[Standards] updated STUN discovery proposal
Evgeniy Khramtsov
xramtsov at gmail.com
Tue May 1 07:29:30 CDT 2007
Peter Saint-Andre wrote:
> And:
>
> Furthermore, for servers that are not authenticating shared secret
> requests, it is RECOMMENDED that short-term credentials be
> constructed in a way such that they do not require memory or disk to
> store.
>
> This can be done by intelligently computing the username and
> password. One approach is to construct the USERNAME as:
>
> USERNAME = <prefix,rounded-time,hmac>
>
> Where prefix is some random text string (different for each shared
> secret request), rounded-time is the current time modulo 20 minutes,
> and hmac is an HMAC [13] over the prefix and rounded-time, using a
> server private key.
>
> The password is then computed as:
>
> password = <hmac(USERNAME,anotherprivatekey)>
>
> With this structure the server can verify that the username was not
> tampered with using the hmac present in the username.
>
> Peter
I have already told about it here:
http://mail.jabber.org/pipermail/standards/2007-March/014456.html :)
//Jean-Louis Seguineau had posted about Google's aproach here:
http://antecipate.blogspot.com/2006/11/media-relay-hidden-query.html
(you can decode base64 token in that stanza and look into it)

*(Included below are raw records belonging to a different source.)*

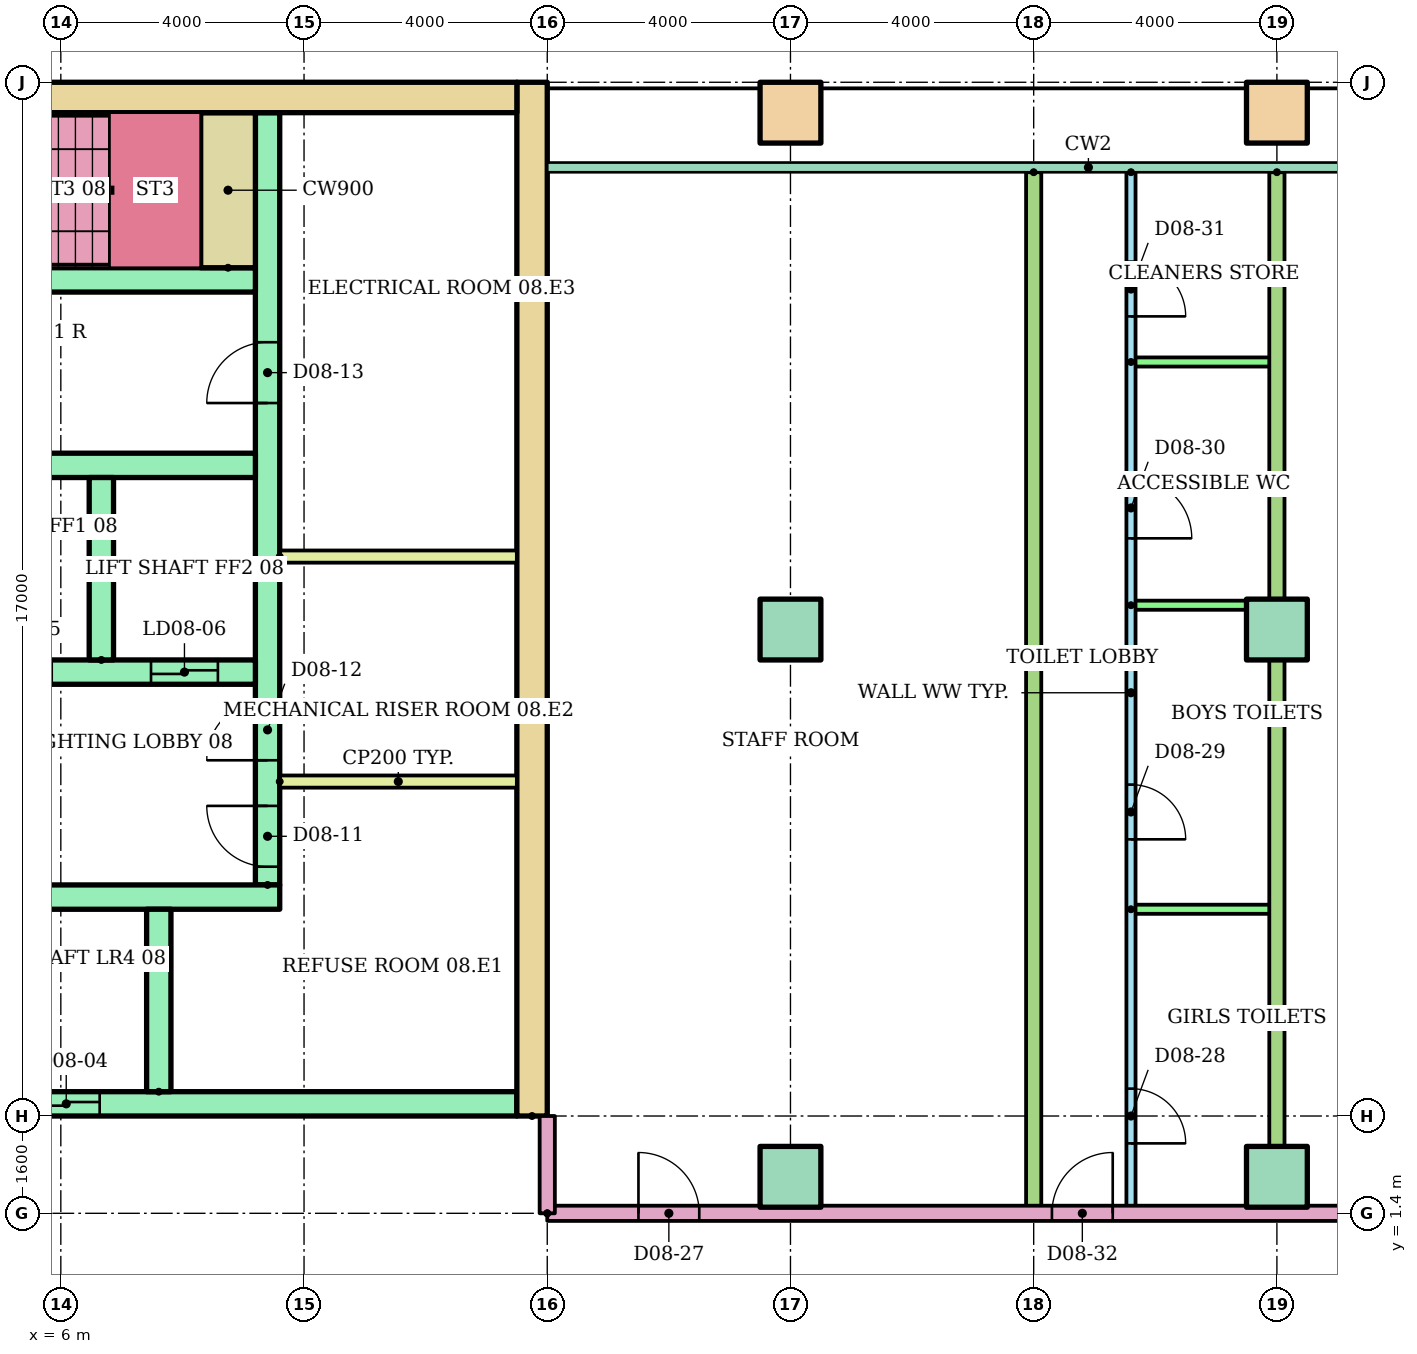
"""IFC4 building model, lengths in metres.
Left out: names, types, materials, properties, quantities, classifications, styles, units other than length and angle.
Written with IfcOpenShell. Run it as: python <this file> out.ifc"""

import sys

from ifc_helpers import new_model, si_unit, direction, frame, frame_2d, origin, origin_2d, place, context, subcontext, project, spatial, rectangle, hollow_rectangle, extrude, element, fill, save


model = new_model("IFC4")
c1 = context("Model", 3, precision=1e-05, world=origin(), true_north=direction((0.0, 1.0)))
c2 = subcontext(c1, "Body", "Model", "MODEL_VIEW")
j1 = project(units=[si_unit("LENGTHUNIT", "METRE"), si_unit("PLANEANGLEUNIT", "RADIAN")], contexts=[c1])
p1 = place(None, origin())
s1 = spatial("IfcSite", under=j1, at=p1, CompositionType="ELEMENT")
p2 = place(p1, origin())
s2 = spatial("IfcBuilding", under=s1, at=p2, CompositionType="ELEMENT")
p3 = place(p2, frame((0.0, 0.0, 33.8)))
s3 = spatial("IfcBuildingStorey", under=s2, at=p3, CompositionType="ELEMENT", Elevation=33.8)
for number, where in (
    (1, (18.0, 2.0, 0.0)),
    (2, (26.0, 2.0, 0.0)),
    (3, (18.0, 11.0, 0.0)),
    (4, (26.0, 11.0, 0.0)),
):
    element("IfcColumn", number, at=place(p3, frame(where)), inside=s3, PredefinedType="COLUMN", context=c2, shape_type="SweptSolid", body=[
        extrude(rectangle(XDim=1.0, YDim=1.0, at=origin_2d()), origin(), (0.0, 0.0, 1.0), 3.9),
    ])
for number, where in (
    (5, (18.0, 19.5, 0.0)),
    (6, (26.0, 19.5, 0.0)),
):
    element("IfcColumn", number, at=place(p3, frame(where)), inside=s3, PredefinedType="COLUMN", context=c2, shape_type="SweptSolid", body=[
        extrude(hollow_rectangle(XDim=1.0, YDim=1.0, WallThickness=0.05, at=origin_2d()), origin(), (0.0, 0.0, 1.0), 3.9),
    ])
p4 = place(p3, frame((13.75, 3.0, 0.0), z_axis=(0.0, 0.0, 1.0), x_axis=(0.0, 1.0, 0.0)))
e7 = element("IfcWall", 7, at=p4, inside=s3, PredefinedType="SHEAR", context=c2, shape_type="SweptSolid", body=[
    extrude(rectangle(XDim=17.0, YDim=0.5, at=frame_2d((8.5, 0.0))), origin(), (0.0, 0.0, 1.0), 3.6),
])
p5 = place(p3, frame((-13.5, 19.75, 0.0)))
e8 = element("IfcWall", 8, at=p5, inside=s3, PredefinedType="SHEAR", context=c2, shape_type="SweptSolid", body=[
    extrude(rectangle(XDim=27.0, YDim=0.5, at=frame_2d((13.5, 0.0))), origin(), (0.0, 0.0, 1.0), 3.6),
])
p6 = place(p3, frame((9.4, 6.8, 0.0), z_axis=(0.0, 0.0, 1.0), x_axis=(0.0, 1.0, 0.0)))
e9 = element("IfcWall", 9, at=p6, inside=s3, PredefinedType="SHEAR", context=c2, shape_type="SweptSolid", body=[
    extrude(rectangle(XDim=12.7, YDim=0.4, at=frame_2d((6.35, 0.0))), origin(), (0.0, 0.0, 1.0), 3.6),
])
p7 = place(p6, frame((0.3, 0.0, 0.0)))
e10 = element("IfcOpeningElement", 10, at=p7, cuts=e9, PredefinedType="OPENING", context=c2, shape_type="SweptSolid", body=[
    extrude(rectangle(XDim=1.0, YDim=2.1, at=frame_2d((0.5, 1.05))), frame((0.0, 0.21, 0.0), z_axis=(0.0, -1.0, 0.0), x_axis=(1.0, 0.0, 0.0)), (0.0, 0.0, 1.0), 0.42),
])
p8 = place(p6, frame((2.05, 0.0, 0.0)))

I think we have to use short-term credentials since we cannot demand
from third-party STUN-servers to authenticate the users with long-term
jids/passwords. Also the short-term authentication is quite simple to
implement :) We don't need to use Shared Secret transaction for the
short-term password creation since it is not required by the STUN/TURN
I-D. All we need is some Private Key which is shared between XMPP and
STUN/TURN servers - this is a simplest interaction between them. Thus,
we can use a JID as a USERNAME and the Private Key as an
"anotherprivatekey" in the example above. Then we can transfer computed
password to the client in the disco/pubsub stanza. I'm not a security
expert, so I can't tell about lifetime of the Private Key (btw, STUN I-D
doesn't have hard requirements on the upper limit). However, Google uses
12 hours and we can rely on their experience :)
Any suggestions?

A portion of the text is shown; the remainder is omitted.